I wouldn't give it a second thought. And if he does start to push the lunch in an inappropriate direction, you simply knock it on the head - you sound very capable OP.

MumBod · 06/07/2017 12:58

You're asking whether you should, so the answer is no.

If it was totally above board and fine you wouldn't think twice.

AnyFucker · 06/07/2017 12:59

Sounds like you are already having an emotional affair

And like you could "accidentally find yourself " moving it on to a physical level

OlennasWimple · 06/07/2017 12:59

Do you still fancy him?

GrumpyOldBag · 06/07/2017 12:59

I don't mind my DH going out with his ex-wife or previous girlfriends - and I don't expect him to tell me about it every time either.

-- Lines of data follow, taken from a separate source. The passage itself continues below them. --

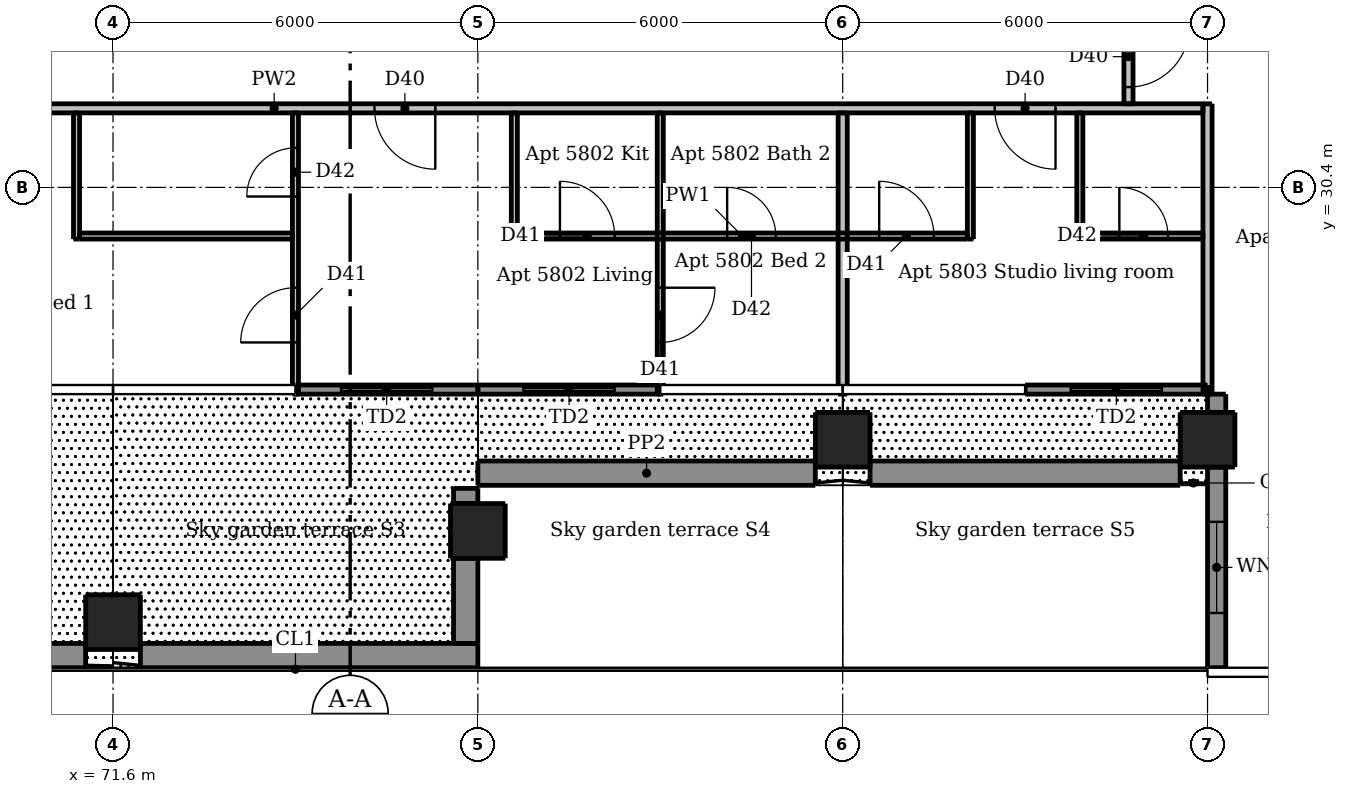
"""IFC4 building model, lengths in metres.
Left out: names, types, materials, properties, quantities, classifications, styles, units other than length and angle.
Written with IfcOpenShell. Run it as: python <this file> out.ifc"""

import sys

from ifc_helpers import new_model, si_unit, direction, frame, frame_2d, origin, origin_2d, place, context, subcontext, project, spatial, rectangle, extrude, element, fill, save


model = new_model("IFC4")
c1 = context("Model", 3, precision=1e-05, world=origin(), true_north=direction((0.0, 1.0)))
c2 = subcontext(c1, "Body", "Model", "MODEL_VIEW")
j1 = project(units=[si_unit("LENGTHUNIT", "METRE"), si_unit("PLANEANGLEUNIT", "RADIAN")], contexts=[c1])
p1 = place(None, origin())
s1 = spatial("IfcSite", under=j1, at=p1, CompositionType="ELEMENT")
p2 = place(p1, origin())
s2 = spatial("IfcBuilding", under=s1, at=p2, CompositionType="ELEMENT")
p3 = place(p2, frame((0.0, 0.0, 216.7)))
s3 = spatial("IfcBuildingStorey", under=s2, at=p3, CompositionType="ELEMENT", Elevation=216.7)
for number, where, z_axis, x_axis in (
    (1, (71.6, 23.25, 0.0), (0.0, 0.0, 1.0), (1.0, 0.0, 0.0)),
    (2, (77.6, 24.75, 0.0), (0.0, 0.0, 1.0), (1.0, 0.0, 0.0)),
    (3, (83.6, 26.25, 0.0), (0.0, 0.0, 1.0), (1.0, 0.0, 0.0)),
):
    element("IfcColumn", number, at=place(p3, frame(where, z_axis=z_axis, x_axis=x_axis)), inside=s3, PredefinedType="COLUMN", context=c2, shape_type="SweptSolid", body=[
        extrude(rectangle(XDim=0.9, YDim=0.9, at=origin_2d()), origin(), (0.0, 0.0, 1.0), 3.3),
    ])
p4 = place(p3, frame((89.6, 26.25, 0.0), z_axis=(0.0, 0.0, 1.0), x_axis=(1.0, 0.0, 0.0)))
e4 = element("IfcColumn", 4, at=p4, inside=s3, PredefinedType="COLUMN", context=c2, shape_type="SweptSolid", body=[
    extrude(rectangle(XDim=0.9, YDim=0.9, at=origin_2d()), origin(), (0.0, 0.0, 1.0), 3.05),
])
p5 = place(p3, frame((89.75, 27.0, 0.0), z_axis=(0.0, 0.0, 1.0), x_axis=(0.0, -1.0, 0.0)))
e5 = element("IfcWall", 5, at=p5, inside=s3, PredefinedType="SOLIDWALL", context=c2, shape_type="SweptSolid", body=[
    extrude(rectangle(XDim=0.3, YDim=0.3, at=frame_2d((0.15, 0.0))), origin(), (0.0, 0.0, 1.0), 3.05),
])
p6 = place(p3, frame((89.75, 25.8, 0.0), z_axis=(0.0, 0.0, 1.0), x_axis=(0.0, -1.0, 0.0)))
e6 = element("IfcWall", 6, at=p6, inside=s3, PredefinedType="SOLIDWALL", context=c2, shape_type="SweptSolid", body=[
    extrude(rectangle(XDim=3.3, YDim=0.3, at=frame_2d((1.65, 0.0))), origin(), (0.0, 0.0, 1.0), 3.05),
])
p7 = place(p6, frame((0.9, 0.0, 0.9)))
e7 = element("IfcOpeningElement", 7, at=p7, cuts=e6, PredefinedType="OPENING", context=c2, shape_type="SweptSolid", body=[
    extrude(rectangle(XDim=1.5, YDim=1.5, at=frame_2d((0.75, 0.75))), frame((0.0, 0.16, 0.0), z_axis=(0.0, -1.0, 0.0), x_axis=(1.0, 0.0, 0.0)), (0.0, 0.0, 1.0), 0.32),
])
p8 = place(p3, frame((74.6, 27.075, 0.0), z_axis=(0.0, 0.0, 1.0), x_axis=(1.0, 0.0, 0.0)))
e8 = element("IfcWall", 8, at=p8, inside=s3, PredefinedType="SOLIDWALL", context=c2, shape_type="SweptSolid", body=[
    extrude(rectangle(XDim=3.0, YDim=0.15, at=frame_2d((1.5, 0.0))), origin(), (0.0, 0.0, 1.0), 3.05),
])
p9 = place(p8, frame((0.75, 0.0, 0.0)))
e9 = element("IfcOpeningElement", 9, at=p9, cuts=e8, PredefinedType="OPENING", context=c2, shape_type="SweptSolid", body=[
    extrude(rectangle(XDim=1.5, YDim=2.4, at=frame_2d((0.75, 1.2))), frame((0.0, 0.085, 0.0), z_axis=(0.0, -1.0, 0.0), x_axis=(1.0, 0.0, 0.0)), (0.0, 0.0, 1.0), 0.17),
])
p10 = place(p3, frame((77.6, 27.075, 0.0), z_axis=(0.0, 0.0, 1.0), x_axis=(1.0, 0.0, 0.0)))
e10 = element("IfcWall", 10, at=p10, inside=s3, PredefinedType="SOLIDWALL", context=c2, shape_type="SweptSolid", body=[
    extrude(rectangle(XDim=3.0, YDim=0.15, at=frame_2d((1.5, 0.0))), origin(), (0.0, 0.0, 1.0), 3.05),
])
p11 = place(p10, frame((0.75, 0.0, 0.0)))
e11 = element("IfcOpeningElement", 11, at=p11, cuts=e10, PredefinedType="OPENING", context=c2, shape_type="SweptSolid", body=[
    extrude(rectangle(XDim=1.5, YDim=2.4, at=frame_2d((0.75, 1.2))), frame((0.0, 0.085, 0.0), z_axis=(0.0, -1.0, 0.0), x_axis=(1.0, 0.0, 0.0)), (0.0, 0.0, 1.0), 0.17),
])
p12 = place(p3, frame((86.6, 27.075, 0.0), z_axis=(0.0, 0.0, 1.0), x_axis=(1.0, 0.0, 0.0)))
e12 = element("IfcWall", 12, at=p12, inside=s3, PredefinedType="SOLIDWALL", context=c2, shape_type="SweptSolid", body=[
    extrude(rectangle(XDim=3.0, YDim=0.15, at=frame_2d((1.5, 0.0))), origin(), (0.0, 0.0, 1.0), 3.05),
])
p13 = place(p12, frame((0.75, 0.0, 0.0)))
e13 = element("IfcOpeningElement", 13, at=p13, cuts=e12, PredefinedType="OPENING", context=c2, shape_type="SweptSolid", body=[
    extrude(rectangle(XDim=1.5, YDim=2.4, at=frame_2d((0.75, 1.2))), frame((0.0, 0.085, 0.0), z_axis=(0.0, -1.0, 0.0), x_axis=(1.0, 0.0, 0.0)), (0.0, 0.0, 1.0), 0.17),
])
p14 = place(p3, frame((66.05, 22.7, 0.03), z_axis=(0.0, 0.0, 1.0), x_axis=(1.0, 0.0, 0.0)))
e14 = element("IfcWall", 14, at=p14, inside=s3, PredefinedType="PARAPET", context=c2, shape_type="SweptSolid", body=[
    extrude(rectangle(XDim=5.1, YDim=0.4, at=frame_2d((2.55, 0.0))), origin(), (0.0, 0.0, 1.0), 1.1),
])
p15 = place(p3, frame((72.05, 22.7, 0.03), z_axis=(0.0, 0.0, 1.0), x_axis=(1.0, 0.0, 0.0)))
e15 = element("IfcWall", 15, at=p15, inside=s3, PredefinedType="PARAPET", context=c2, shape_type="SweptSolid", body=[
    extrude(rectangle(XDim=5.55, YDim=0.4, at=frame_2d((2.775, 0.0))), origin(), (0.0, 0.0, 1.0), 1.1),
])
p16 = place(p3, frame((77.4, 22.9, 0.03), z_axis=(0.0, 0.0, 1.0), x_axis=(0.0, 1.0, 0.0)))
e16 = element("IfcWall", 16, at=p16, inside=s3, PredefinedType="PARAPET", context=c2, shape_type="SweptSolid", body=[
    extrude(rectangle(XDim=1.4, YDim=0.4, at=frame_2d((0.7, 0.0))), origin(), (0.0, 0.0, 1.0), 1.1),
])
p17 = place(p3, frame((77.4, 25.2, 0.03), z_axis=(0.0, 0.0, 1.0), x_axis=(0.0, 1.0, 0.0)))
e17 = element("IfcWall", 17, at=p17, inside=s3, PredefinedType="PARAPET", context=c2, shape_type="SweptSolid", body=[
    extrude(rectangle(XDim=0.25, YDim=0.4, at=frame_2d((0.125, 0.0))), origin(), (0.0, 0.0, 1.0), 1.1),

ExConstance · 06/07/2017 13:01

I meet two of my old boyfriends from time to time. One comes over from Canada every couple of years, another has never married and has a very interesting creative job. I always tell DH where I'm going and he doesn't mind. He has a couple of old female friends ( though not exes) that he sees in similar circumstances, one was his climbing partner and the other he met when they did a job related course. If he has told his wife you are fine to meet for lunch.

TheLegendOfBeans · 06/07/2017 13:02

That's great Grumpy - but if you realised he was texting his ex(s) and you had no inkling you wouldn't be a bit Confused?